Dawn The Review, sometime in June 1999
There were better days. Karachi used to be a different city. Stage plays were in vogue and people from a cross-section of the society used to throng the auditoriums. That was the early 1950’s. And that is when Latif Kapadia started.
He was born on 27 March, 1935, in Nasik (Maharashtra State, India). His fate was sealed, in a manner of speaking, when he fell in love with the films made in the tradition of New Theatre (Calcutta), such as the Saigal starring Devdas, Zindagi and Vidyapati. However, his family migrated to Pakistan soon after the partition. Hence it was in those early 1950’s that Latif got a chance to nurture his tastes for histrionics in the city that Karachi once was.
He had problems, though. He couldn’t read the Urdu script even though he was quite proficient in English, apart from being able to speak some other languages including Marathi.
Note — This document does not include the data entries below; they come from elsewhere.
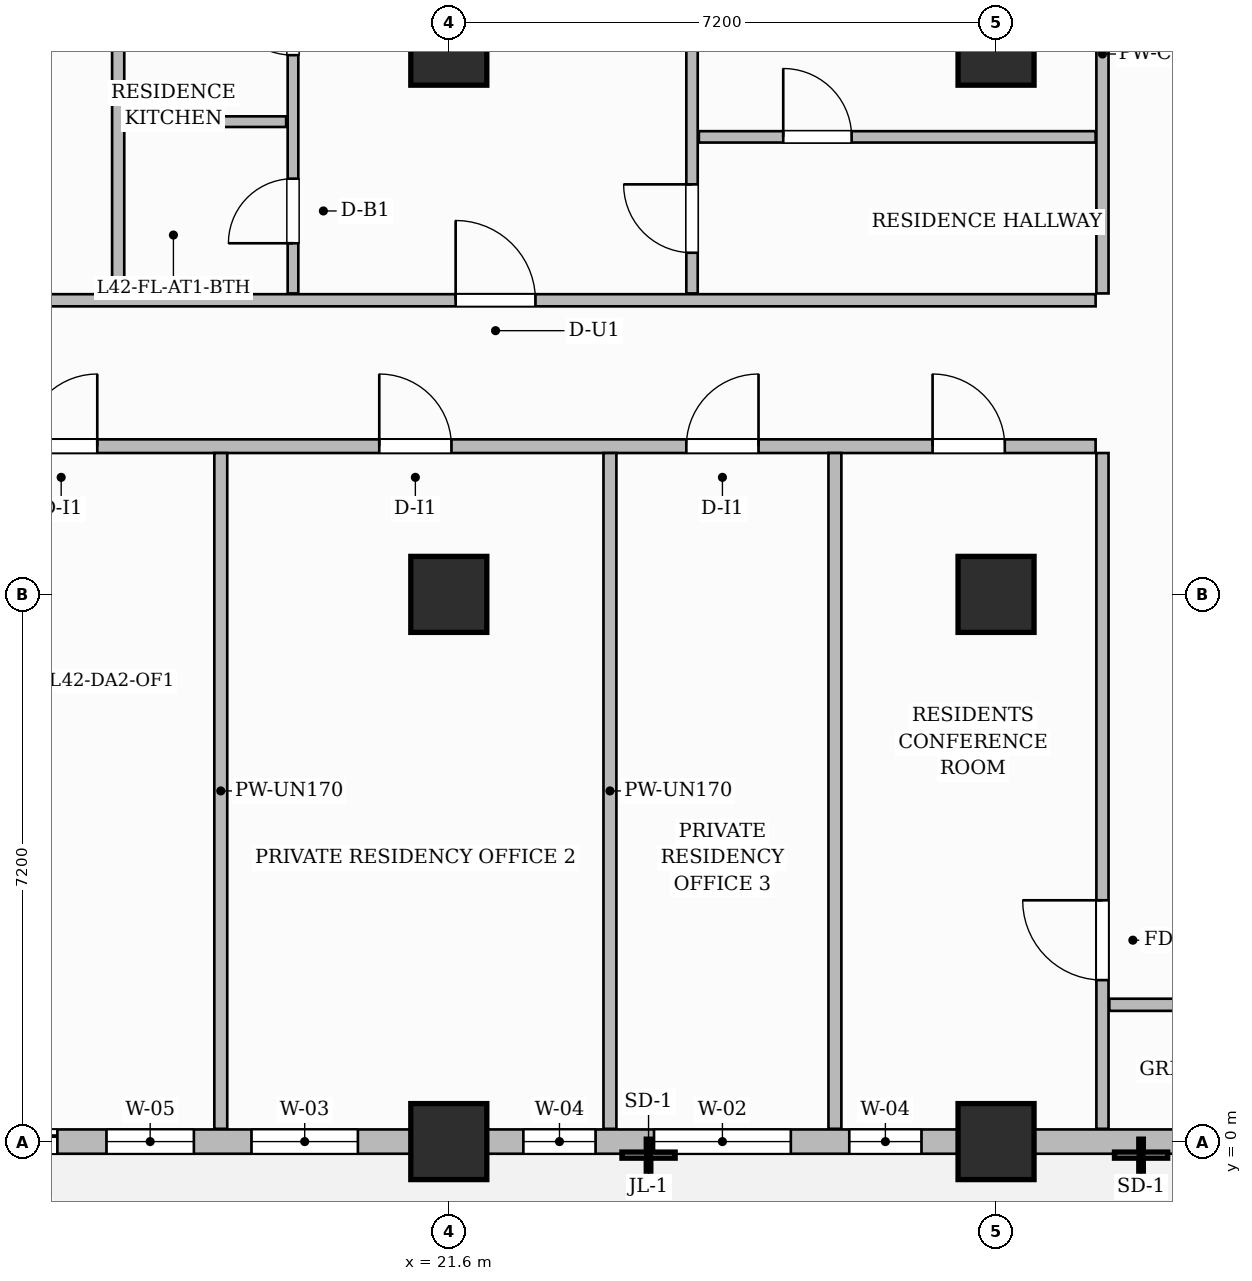
"""IFC4 building model, lengths in metres.
Left out: names, types, materials, properties, quantities, classifications, styles, units other than length and angle.
Written with IfcOpenShell. Run it as: python <this file> out.ifc"""

import sys

from ifc_helpers import new_model, si_unit, direction, frame, frame_2d, origin, origin_2d, place, context, subcontext, project, spatial, rectangle, extrude, source, transform, mapped, element, fill, save


model = new_model("IFC4")
c1 = context("Model", 3, precision=1e-05, world=origin(), true_north=direction((0.0, 1.0)))
c2 = subcontext(c1, "Body", "Model", "MODEL_VIEW")
j1 = project(units=[si_unit("LENGTHUNIT", "METRE"), si_unit("PLANEANGLEUNIT", "RADIAN")], contexts=[c1])
p1 = place(None, origin())
s1 = spatial("IfcSite", under=j1, at=p1, CompositionType="ELEMENT")
p2 = place(p1, origin())
s2 = spatial("IfcBuilding", under=s1, at=p2, CompositionType="ELEMENT")
p3 = place(p2, frame((0.0, 0.0, 169.55)))
s3 = spatial("IfcBuildingStorey", under=s2, at=p3, CompositionType="ELEMENT", Elevation=169.55)
m1 = source(origin(), c2, "Body", "SweptSolid", [
    extrude(rectangle(XDim=1.0, YDim=1.0, at=origin_2d()), origin(), (0.0, 0.0, 1.0), 3.85),
])
for number, where, z_axis, x_axis in (
    (1, (21.6, 0.0, 0.0), (0.0, 0.0, 1.0), (1.0, 0.0, 0.0)),
    (2, (21.6, 7.2, 0.0), (0.0, 0.0, 1.0), (1.0, 0.0, 0.0)),
    (3, (21.6, 14.4, 0.0), (0.0, 0.0, 1.0), (1.0, 0.0, 0.0)),
    (4, (28.8, 0.0, 0.0), (0.0, 0.0, 1.0), (1.0, 0.0, 0.0)),
    (5, (28.8, 7.2, 0.0), (0.0, 0.0, 1.0), (1.0, 0.0, 0.0)),
    (6, (28.8, 14.4, 0.0), (0.0, 0.0, 1.0), (1.0, 0.0, 0.0)),
):
    element("IfcColumn", number, at=place(p3, frame(where, z_axis=z_axis, x_axis=x_axis)), inside=s3, PredefinedType="COLUMN", context=c2, shape_type="MappedRepresentation", body=[
        mapped(m1, transform((0.0, 0.0, 0.0), scale=1.0)),
    ])
p4 = place(p3, frame((14.568, 9.15, 0.0), z_axis=(0.0, 0.0, 1.0), x_axis=(1.0, 0.0, 0.0)))
e7 = element("IfcWall", 7, at=p4, inside=s3, PredefinedType="PARTITIONING", context=c2, shape_type="SweptSolid", body=[
    extrude(rectangle(XDim=15.542, YDim=0.18, at=frame_2d((7.771, 0.0))), origin(), (0.0, 0.0, 1.0), 3.6),
])
p5 = place(p4, frame((1.457, 0.0, 0.0)))
e8 = element("IfcOpeningElement", 8, at=p5, cuts=e7, PredefinedType="OPENING", context=c2, shape_type="SweptSolid", body=[
    extrude(rectangle(XDim=0.95, YDim=2.15, at=frame_2d((0.475, 1.075))), frame((0.0, 0.1, 0.0), z_axis=(0.0, -1.0, 0.0), x_axis=(1.0, 0.0, 0.0)), (0.0, 0.0, 1.0), 0.2),
])
p6 = place(p4, frame((6.117, 0.0, 0.0)))
e9 = element("IfcOpeningElement", 9, at=p6, cuts=e7, PredefinedType="OPENING", context=c2, shape_type="SweptSolid", body=[
    extrude(rectangle(XDim=0.95, YDim=2.15, at=frame_2d((0.475, 1.075))), frame((0.0, 0.1, 0.0), z_axis=(0.0, -1.0, 0.0), x_axis=(1.0, 0.0, 0.0)), (0.0, 0.0, 1.0), 0.2),
])
p7 = place(p4, frame((10.157, 0.0, 0.0)))
e10 = element("IfcOpeningElement", 10, at=p7, cuts=e7, PredefinedType="OPENING", context=c2, shape_type="SweptSolid", body=[
    extrude(rectangle(XDim=0.95, YDim=2.15, at=frame_2d((0.475, 1.075))), frame((0.0, 0.1, 0.0), z_axis=(0.0, -1.0, 0.0), x_axis=(1.0, 0.0, 0.0)), (0.0, 0.0, 1.0), 0.2),
])
p8 = place(p4, frame((13.397, 0.0, 0.0)))
e11 = element("IfcOpeningElement", 11, at=p8, cuts=e7, PredefinedType="OPENING", context=c2, shape_type="SweptSolid", body=[
    extrude(rectangle(XDim=0.95, YDim=2.15, at=frame_2d((0.475, 1.075))), frame((0.0, 0.1, 0.0), z_axis=(0.0, -1.0, 0.0), x_axis=(1.0, 0.0, 0.0)), (0.0, 0.0, 1.0), 0.2),
])
p9 = place(p3, frame((14.568, 11.07, 0.0), z_axis=(0.0, 0.0, 1.0), x_axis=(1.0, 0.0, 0.0)))
e12 = element("IfcWall", 12, at=p9, inside=s3, PredefinedType="PARTITIONING", context=c2, shape_type="SweptSolid", body=[
    extrude(rectangle(XDim=15.542, YDim=0.16, at=frame_2d((7.771, 0.0))), origin(), (0.0, 0.0, 1.0), 3.6),
])
p10 = place(p9, frame((7.122, 0.0, 0.0)))
e13 = element("IfcOpeningElement", 13, at=p10, cuts=e12, PredefinedType="OPENING", context=c2, shape_type="SweptSolid", body=[
    extrude(rectangle(XDim=1.05, YDim=2.25, at=frame_2d((0.525, 1.125))), frame((0.0, 0.09, 0.0), z_axis=(0.0, -1.0, 0.0), x_axis=(1.0, 0.0, 0.0)), (0.0, 0.0, 1.0), 0.18),
])
p11 = place(p3, frame((30.2, 11.16, 0.0), z_axis=(0.0, 0.0, 1.0), x_axis=(0.0, 1.0, 0.0)))
e14 = element("IfcWall", 14, at=p11, inside=s3, PredefinedType="PARTITIONING", context=c2, shape_type="SweptSolid", body=[
    extrude(rectangle(XDim=6.3, YDim=0.16, at=frame_2d((3.15, 0.0))), origin(), (0.0, 0.0, 1.0), 3.6),
])
p12 = place(p3, frame((30.2, 0.168, 0.0), z_axis=(0.0, 0.0, 1.0), x_axis=(0.0, 1.0, 0.0)))
e15 = element("IfcWall", 15, at=p12, inside=s3, PredefinedType="PARTITIONING", context=c2, shape_type="SweptSolid", body=[
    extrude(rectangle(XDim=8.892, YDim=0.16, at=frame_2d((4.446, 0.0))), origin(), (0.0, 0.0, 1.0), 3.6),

These strengths and weaknesses were reminiscent of his Bombay days and although he never changed them, he found out the solution in getting his lines transcribed into Gujrati before committing them to heart (a practice he still carries on). And he familiarized himself with some of the best plays of all times through English translations. These handicaps notwithstanding, there were numerous venues for stage productions, including the Katrak Hall in Saddar and the Theosophical Society Hall on Bunder Road. Latif joined a group of amateur artists known as the Bombay Amateur Artists’ Association in Karachi.
Things changed with the arrival of Ali Ahmed. Arguably the biggest name of our stage history, he was a veteran from Bombay, a colleague of such figures as Prithvi Raj Kapoor, Balraj Sahini and Safdar Mir. Upon his migration to Pakistan he first went to Lahore and then came to Karachi. “1957,” Latif can always be trusted for dates.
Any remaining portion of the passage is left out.